Although DeepSeek-R1 was mainly trained with RL on mathematics and coding tasks, it is impressive that generalization to agentic jobs with tool usage via code actions works so well. This capability to generalize to agentic jobs reminds of recent research study by DeepMind that reveals that RL generalizes whereas SFT memorizes, although generalization to tool usage wasn't investigated because work.

Despite its capability to generalize to tool use, DeepSeek-R1 frequently produces really long thinking traces at each step, compared to other designs in my experiments, limiting the usefulness of this design in a single-agent setup. Even simpler jobs in some cases take a very long time to complete.

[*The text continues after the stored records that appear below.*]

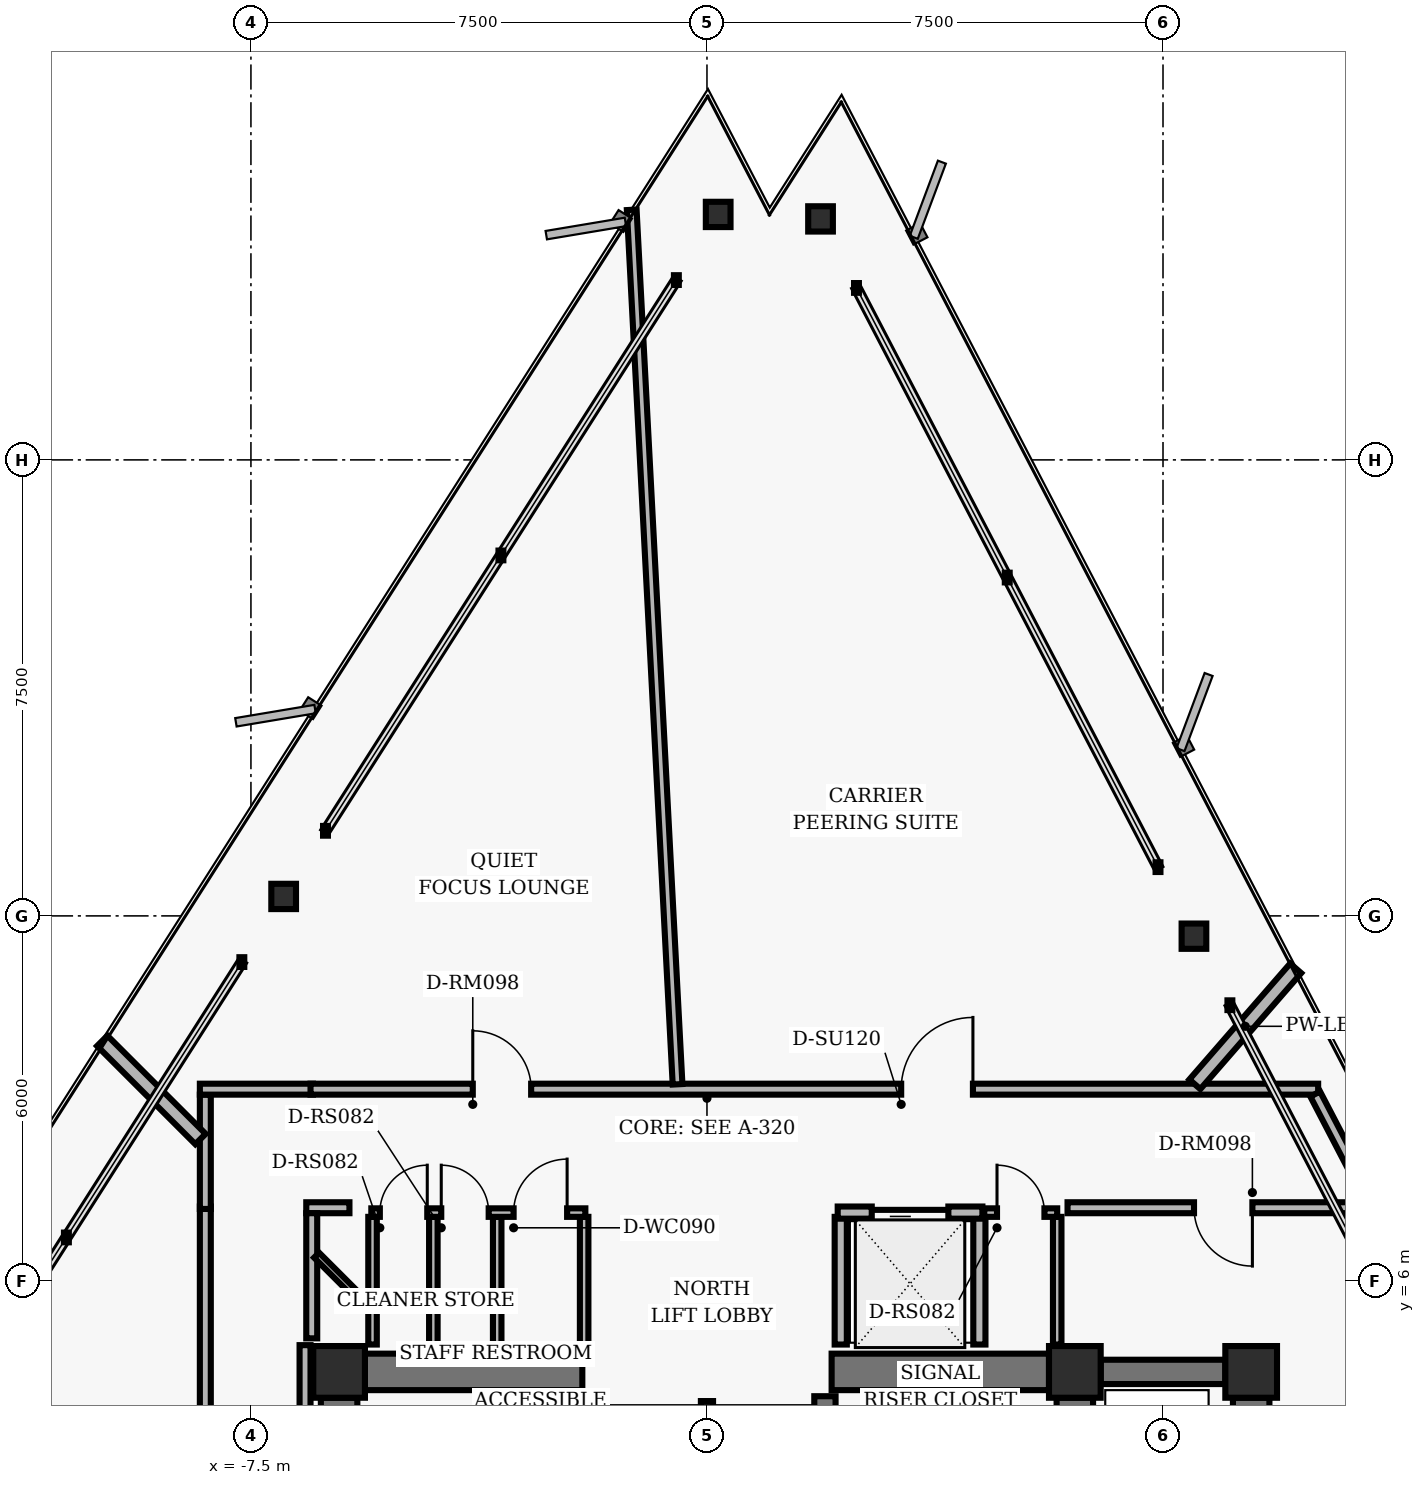
"""IFC4 building model, lengths in metres.
Left out: names, types, materials, properties, quantities, classifications, styles, units other than length and angle.
Written with IfcOpenShell. Run it as: python <this file> out.ifc"""

import sys

from ifc_helpers import new_model, si_unit, direction, frame, frame_2d, origin, origin_2d, place, context, subcontext, project, spatial, rectangle, hollow_rectangle, i_section, extrude, element, fill, save


model = new_model("IFC4")
c1 = context("Model", 3, precision=1e-05, world=origin(), true_north=direction((0.0, 1.0)))
c2 = subcontext(c1, "Body", "Model", "MODEL_VIEW")
j1 = project(units=[si_unit("LENGTHUNIT", "METRE"), si_unit("PLANEANGLEUNIT", "RADIAN")], contexts=[c1])
p1 = place(None, origin())
s1 = spatial("IfcSite", under=j1, at=p1, CompositionType="ELEMENT")
p2 = place(p1, origin())
s2 = spatial("IfcBuilding", under=s1, at=p2, CompositionType="ELEMENT")
p3 = place(p2, frame((0.0, 0.0, 128.96)))
s3 = spatial("IfcBuildingStorey", under=s2, at=p3, CompositionType="ELEMENT", Elevation=128.96)
for number, where, z_axis, x_axis in (
    (1, (-6.05, 4.5, 0.0), (0.0, 0.0, 1.0), (1.0, 0.0, 0.0)),
    (2, (6.05, 4.5, 0.0), (0.0, 0.0, 1.0), (1.0, 0.0, 0.0)),
    (3, (8.95, 4.5, 0.0), (0.0, 0.0, 1.0), (1.0, 0.0, 0.0)),
):
    element("IfcColumn", number, at=place(p3, frame(where, z_axis=z_axis, x_axis=x_axis)), inside=s3, PredefinedType="COLUMN", context=c2, shape_type="SweptSolid", body=[
        extrude(hollow_rectangle(XDim=0.85, YDim=0.85, WallThickness=0.055, InnerFilletRadius=0.02, OuterFilletRadius=0.04, at=origin_2d()), origin(), (0.0, 0.0, 1.0), 3.04),
    ])
for number, where, z_axis, x_axis in (
    (4, (-6.05, 0.425, 0.0), (0.0, 0.0, 1.0), (0.0, 1.0, 0.0)),
    (5, (6.05, 0.425, 0.0), (0.0, 0.0, 1.0), (0.0, 1.0, 0.0)),
):
    element("IfcWall", number, at=place(p3, frame(where, z_axis=z_axis, x_axis=x_axis)), inside=s3, PredefinedType="SHEAR", context=c2, shape_type="SweptSolid", body=[
        extrude(rectangle(XDim=3.65, YDim=0.6, at=frame_2d((1.825, 0.0))), origin(), (0.0, 0.0, 1.0), 2.788),
    ])
for number, where, z_axis, x_axis in (
    (6, (-1.94, -4.1, 0.0), (0.0, 0.0, 1.0), (0.0, 1.0, 0.0)),
    (7, (1.94, -4.1, 0.0), (0.0, 0.0, 1.0), (0.0, 1.0, 0.0)),
):
    element("IfcWall", number, at=place(p3, frame(where, z_axis=z_axis, x_axis=x_axis)), inside=s3, PredefinedType="SHEAR", context=c2, shape_type="SweptSolid", body=[
        extrude(rectangle(XDim=8.2, YDim=0.35, at=frame_2d((4.1, 0.0))), origin(), (0.0, 0.0, 1.0), 2.788),
    ])
for number, where, z_axis, x_axis in (
    (8, (-5.625, 4.5, 0.0), (0.0, 0.0, 1.0), (1.0, 0.0, 0.0)),
    (9, (2.05, 4.5, 0.0), (0.0, 0.0, 1.0), (1.0, 0.0, 0.0)),
):
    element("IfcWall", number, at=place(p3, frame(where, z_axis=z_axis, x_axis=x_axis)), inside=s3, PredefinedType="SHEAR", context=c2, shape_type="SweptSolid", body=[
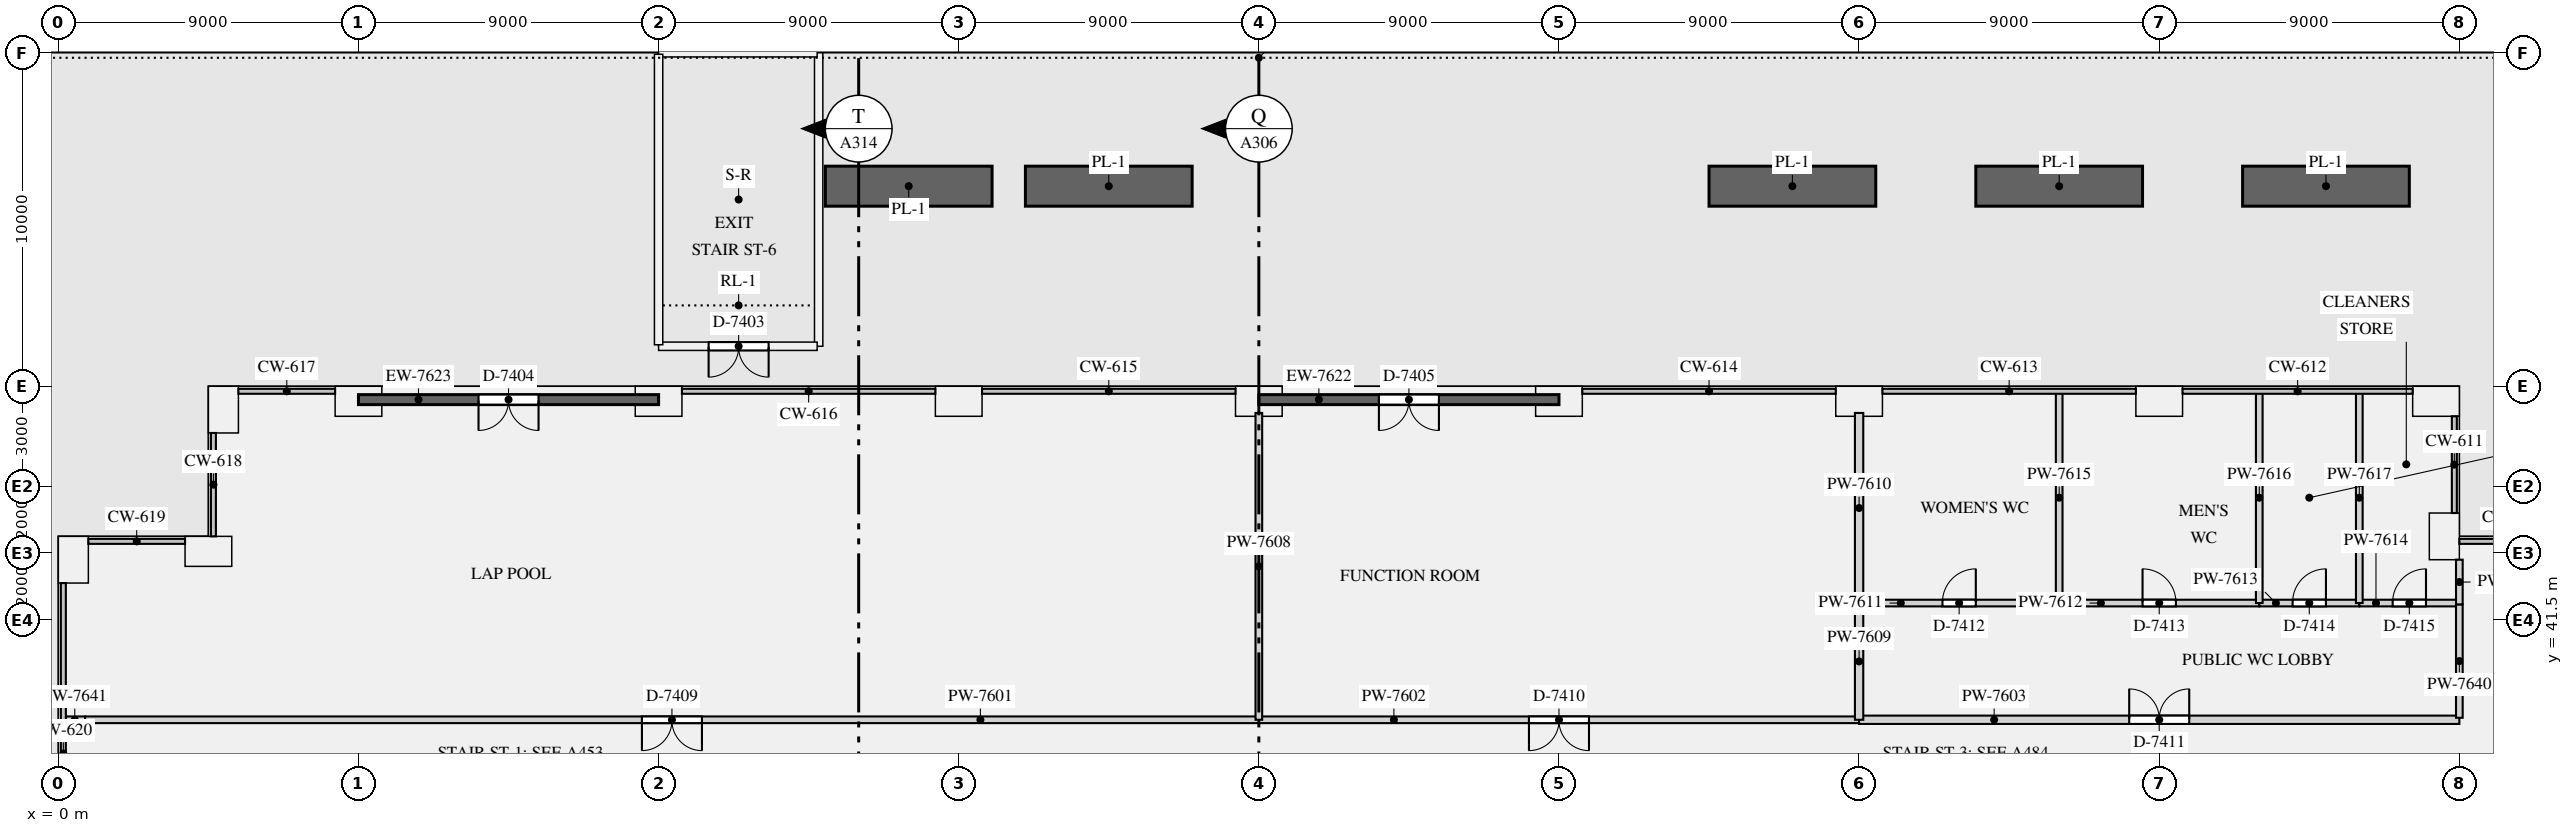
"""IFC4 building model, lengths in metres.
Left out: names, types, materials, properties, quantities, classifications, styles, units other than length and angle.
Written with IfcOpenShell. Run it as: python <this file> out.ifc"""

import sys

from ifc_helpers import new_model, si_unit, direction, frame, frame_2d, origin, origin_2d, place, context, subcontext, project, spatial, rectangle, extrude, element, fill, save


model = new_model("IFC4")
c1 = context("Model", 3, precision=1e-05, world=origin(), true_north=direction((0.0, 1.0)))
c2 = subcontext(c1, "Body", "Model", "MODEL_VIEW")
j1 = project(units=[si_unit("LENGTHUNIT", "METRE"), si_unit("PLANEANGLEUNIT", "RADIAN")], contexts=[c1])
p1 = place(None, origin())
s1 = spatial("IfcSite", under=j1, at=p1, CompositionType="ELEMENT")
p2 = place(p1, origin())
s2 = spatial("IfcBuilding", under=s1, at=p2, CompositionType="ELEMENT")
p3 = place(p2, frame((0.0, 0.0, 11.0)))
s3 = spatial("IfcBuildingStorey", under=s2, at=p3, CompositionType="ELEMENT", Elevation=11.0)
for number, where, z_axis, x_axis in (
    (1, (71.55, 44.0, 0.0), (0.0, 0.0, 1.0), (0.0, 1.0, 0.0)),
    (2, (71.3, 48.05, 0.0), (0.0, 0.0, 1.0), (-1.0, 0.0, 0.0)),
    (3, (63.0, 48.05, 0.0), (0.0, 0.0, 1.0), (-1.0, 0.0, 0.0)),
    (4, (54.0, 48.05, 0.0), (0.0, 0.0, 1.0), (-1.0, 0.0, 0.0)),
    (5, (45.0, 48.05, 0.0), (0.0, 0.0, 1.0), (-1.0, 0.0, 0.0)),
    (6, (36.0, 48.05, 0.0), (0.0, 0.0, 1.0), (-1.0, 0.0, 0.0)),
    (7, (27.0, 48.05, 0.0), (0.0, 0.0, 1.0), (-1.0, 0.0, 0.0)),
    (8, (18.0, 48.05, 0.0), (0.0, 0.0, 1.0), (-1.0, 0.0, 0.0)),
    (9, (9.0, 48.05, 0.0), (0.0, 0.0, 1.0), (-1.0, 0.0, 0.0)),
    (10, (4.95, 47.8, 0.0), (0.0, 0.0, 1.0), (0.0, -1.0, 0.0)),
    (11, (4.5, 43.55, 0.0), (0.0, 0.0, 1.0), (-1.0, 0.0, 0.0)),
    (12, (0.45, 43.3, 0.0), (0.0, 0.0, 1.0), (0.0, -1.0, 0.0)),
):
    element("IfcColumn", number, at=place(p3, frame(where, z_axis=z_axis, x_axis=x_axis)), inside=s3, PredefinedType="USERDEFINED", context=c2, shape_type="SweptSolid", body=[
        extrude(rectangle(XDim=1.4, YDim=0.9, at=origin_2d()), origin(), (0.0, 0.0, 1.0), 4.5),
    ])
p4 = place(p3, frame((0.8, 38.5, 0.0), z_axis=(0.0, 0.0, 1.0), x_axis=(1.0, 0.0, 0.0)))
e13 = element("IfcWall", 13, at=p4, inside=s3, PredefinedType="PARTITIONING", context=c2, shape_type="SweptSolid", body=[
    extrude(rectangle(XDim=35.2, YDim=0.2, at=frame_2d((17.6, 0.0))), origin(), (0.0, 0.0, 1.0), 3.9),
])
p5 = place(p4, frame((16.7, 0.0, 0.0)))
e14 = element("IfcOpeningElement", 14, at=p5, cuts=e13, PredefinedType="OPENING", context=c2, shape_type="SweptSolid", body=[
    extrude(rectangle(XDim=1.8, YDim=2.4, at=frame_2d((0.9, 1.2))), frame((0.0, 0.11, 0.0), z_axis=(0.0, -1.0, 0.0), x_axis=(1.0, 0.0, 0.0)), (0.0, 0.0, 1.0), 0.22),
])
p6 = place(p3, frame((36.0, 38.5, 0.0), z_axis=(0.0, 0.0, 1.0), x_axis=(1.0, 0.0, 0.0)))
e15 = element("IfcWall", 15, at=p6, inside=s3, PredefinedType="PARTITIONING", context=c2, shape_type="SweptSolid", body=[
    extrude(rectangle(XDim=18.0, YDim=0.2, at=frame_2d((9.0, 0.0))), origin(), (0.0, 0.0, 1.0), 3.9),
])
p7 = place(p6, frame((8.1, 0.0, 0.0)))
e16 = element("IfcOpeningElement", 16, at=p7, cuts=e15, PredefinedType="OPENING", context=c2, shape_type="SweptSolid", body=[
    extrude(rectangle(XDim=1.8, YDim=2.4, at=frame_2d((0.9, 1.2))), frame((0.0, 0.11, 0.0), z_axis=(0.0, -1.0, 0.0), x_axis=(1.0, 0.0, 0.0)), (0.0, 0.0, 1.0), 0.22),
])
p8 = place(p3, frame((54.0, 38.5, 0.0), z_axis=(0.0, 0.0, 1.0), x_axis=(1.0, 0.0, 0.0)))
e17 = element("IfcWall", 17, at=p8, inside=s3, PredefinedType="PARTITIONING", context=c2, shape_type="SweptSolid", body=[
    extrude(rectangle(XDim=18.0, YDim=0.25, at=frame_2d((9.0, 0.0))), origin(), (0.0, 0.0, 1.0), 3.9),
])
p9 = place(p8, frame((8.1, 0.0, 0.0)))
e18 = element("IfcOpeningElement", 18, at=p9, cuts=e17, PredefinedType="OPENING", context=c2, shape_type="SweptSolid", body=[
    extrude(rectangle(XDim=1.8, YDim=2.4, at=frame_2d((0.9, 1.2))), frame((0.0, 0.135, 0.0), z_axis=(0.0, -1.0, 0.0), x_axis=(1.0, 0.0, 0.0)), (0.0, 0.0, 1.0), 0.27),
])
p10 = place(p3, frame((36.0, 38.5, 0.0), z_axis=(0.0, 0.0, 1.0), x_axis=(0.0, 1.0, 0.0)))
e19 = element("IfcWall", 19, at=p10, inside=s3, PredefinedType="PARTITIONING", context=c2, shape_type="SweptSolid", body=[
    extrude(rectangle(XDim=9.2, YDim=0.2, at=frame_2d((4.6, 0.0))), origin(), (0.0, 0.0, 1.0), 3.9),
])
p11 = place(p3, frame((54.0, 38.5, 0.0), z_axis=(0.0, 0.0, 1.0), x_axis=(0.0, 1.0, 0.0)))
e20 = element("IfcWall", 20, at=p11, inside=s3, PredefinedType="PARTITIONING", context=c2, shape_type="SweptSolid", body=[
    extrude(rectangle(XDim=3.5, YDim=0.25, at=frame_2d((1.75, 0.0))), origin(), (0.0, 0.0, 1.0), 3.9),
])
p12 = place(p3, frame((54.0, 42.0, 0.0), z_axis=(0.0, 0.0, 1.0), x_axis=(0.0, 1.0, 0.0)))
e21 = element("IfcWall", 21, at=p12, inside=s3, PredefinedType="PARTITIONING", context=c2, shape_type="SweptSolid", body=[
    extrude(rectangle(XDim=5.7, YDim=0.25, at=frame_2d((2.85, 0.0))), origin(), (0.0, 0.0, 1.0), 3.9),
])
p13 = place(p3, frame((54.0, 42.0, 0.0), z_axis=(0.0, 0.0, 1.0), x_axis=(1.0, 0.0, 0.0)))
e22 = element("IfcWall", 22, at=p13, inside=s3, PredefinedType="PARTITIONING", context=c2, shape_type="SweptSolid", body=[
    extrude(rectangle(XDim=6.0, YDim=0.2, at=frame_2d((3.0, 0.0))), origin(), (0.0, 0.0, 1.0), 3.9),
])
p14 = place(p13, frame((2.5, 0.0, 0.0)))
e23 = element("IfcOpeningElement", 23, at=p14, cuts=e22, PredefinedType="OPENING", context=c2, shape_type="SweptSolid", body=[
    extrude(rectangle(XDim=1.0, YDim=2.1, at=frame_2d((0.5, 1.05))), frame((0.0, 0.11, 0.0), z_axis=(0.0, -1.0, 0.0), x_axis=(1.0, 0.0, 0.0)), (0.0, 0.0, 1.0), 0.22),
])
p15 = place(p3, frame((60.0, 42.0, 0.0), z_axis=(0.0, 0.0, 1.0), x_axis=(1.0, 0.0, 0.0)))
e24 = element("IfcWall", 24, at=p15, inside=s3, PredefinedType="PARTITIONING", context=c2, shape_type="SweptSolid", body=[
    extrude(rectangle(XDim=6.0, YDim=0.2, at=frame_2d((3.0, 0.0))), origin(), (0.0, 0.0, 1.0), 3.9),
])
p16 = place(p15, frame((2.5, 0.0, 0.0)))
e25 = element("IfcOpeningElement", 25, at=p16, cuts=e24, PredefinedType="OPENING", context=c2, shape_type="SweptSolid", body=[
    extrude(rectangle(XDim=1.0, YDim=2.1, at=frame_2d((0.5, 1.05))), frame((0.0, 0.11, 0.0), z_axis=(0.0, -1.0, 0.0), x_axis=(1.0, 0.0, 0.0)), (0.0, 0.0, 1.0), 0.22),
])
p17 = place(p3, frame((66.0, 42.0, 0.0), z_axis=(0.0, 0.0, 1.0), x_axis=(1.0, 0.0, 0.0)))
e26 = element("IfcWall", 26, at=p17, inside=s3, PredefinedType="PARTITIONING", context=c2, shape_type="SweptSolid", body=[
    extrude(rectangle(XDim=3.0, YDim=0.2, at=frame_2d((1.5, 0.0))), origin(), (0.0, 0.0, 1.0), 3.9),
])
p18 = place(p17, frame((1.0, 0.0, 0.0)))
e27 = element("IfcOpeningElement", 27, at=p18, cuts=e26, PredefinedType="OPENING", context=c2, shape_type="SweptSolid", body=[
    extrude(rectangle(XDim=1.0, YDim=2.1, at=frame_2d((0.5, 1.05))), frame((0.0, 0.11, 0.0), z_axis=(0.0, -1.0, 0.0), x_axis=(1.0, 0.0, 0.0)), (0.0, 0.0, 1.0), 0.22),
])
p19 = place(p3, frame((69.0, 42.0, 0.0), z_axis=(0.0, 0.0, 1.0), x_axis=(1.0, 0.0, 0.0)))
e28 = element("IfcWall", 28, at=p19, inside=s3, PredefinedType="PARTITIONING", context=c2, shape_type="SweptSolid", body=[
    extrude(rectangle(XDim=3.0, YDim=0.2, at=frame_2d((1.5, 0.0))), origin(), (0.0, 0.0, 1.0), 3.9),
])
p20 = place(p19, frame((1.0, 0.0, 0.0)))
e29 = element("IfcOpeningElement", 29, at=p20, cuts=e28, PredefinedType="OPENING", context=c2, shape_type="SweptSolid", body=[
    extrude(rectangle(XDim=1.0, YDim=2.1, at=frame_2d((0.5, 1.05))), frame((0.0, 0.11, 0.0), z_axis=(0.0, -1.0, 0.0), x_axis=(1.0, 0.0, 0.0)), (0.0, 0.0, 1.0), 0.22),
])
for number, where, z_axis, x_axis in (
    (30, (60.0, 42.0, 0.0), (0.0, 0.0, 1.0), (0.0, 1.0, 0.0)),
    (31, (66.0, 42.0, 0.0), (0.0, 0.0, 1.0), (0.0, 1.0, 0.0)),
    (32, (69.0, 42.0, 0.0), (0.0, 0.0, 1.0), (0.0, 1.0, 0.0)),
):
    element("IfcWall", number, at=place(p3, frame(where, z_axis=z_axis, x_axis=x_axis)), inside=s3, PredefinedType="PARTITIONING", context=c2, shape_type="SweptSolid", body=[
        extrude(rectangle(XDim=6.318, YDim=0.2, at=frame_2d((3.159, 0.0))), origin(), (0.0, 0.0, 1.0), 3.9),
    ])
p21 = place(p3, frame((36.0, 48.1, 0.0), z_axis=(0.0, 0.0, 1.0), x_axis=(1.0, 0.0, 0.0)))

Further RL on agentic tool usage, be it through code actions or not, could be one choice to enhance efficiency.

Underthinking

I likewise observed the underthinking phenomon with DeepSeek-R1. This is when a reasoning design often switches in between different reasoning thoughts without sufficiently checking out promising paths to reach an appropriate solution. This was a significant factor for extremely long thinking traces produced by DeepSeek-R1. This can be seen in the tape-recorded traces that are available for download.

Future experiments

Another typical application of thinking models is to utilize them for planning just, while using other models for generating code actions. This might be a potential brand-new function of freeact, if this separation of functions proves helpful for more complex jobs.

I'm also curious about how thinking designs that already support tool use (like o1, o3, ...) carry out in a single-agent setup, with and without producing code actions. Recent developments like OpenAI's Deep Research or Hugging Face's open-source Deep Research, which likewise uses code actions, look fascinating.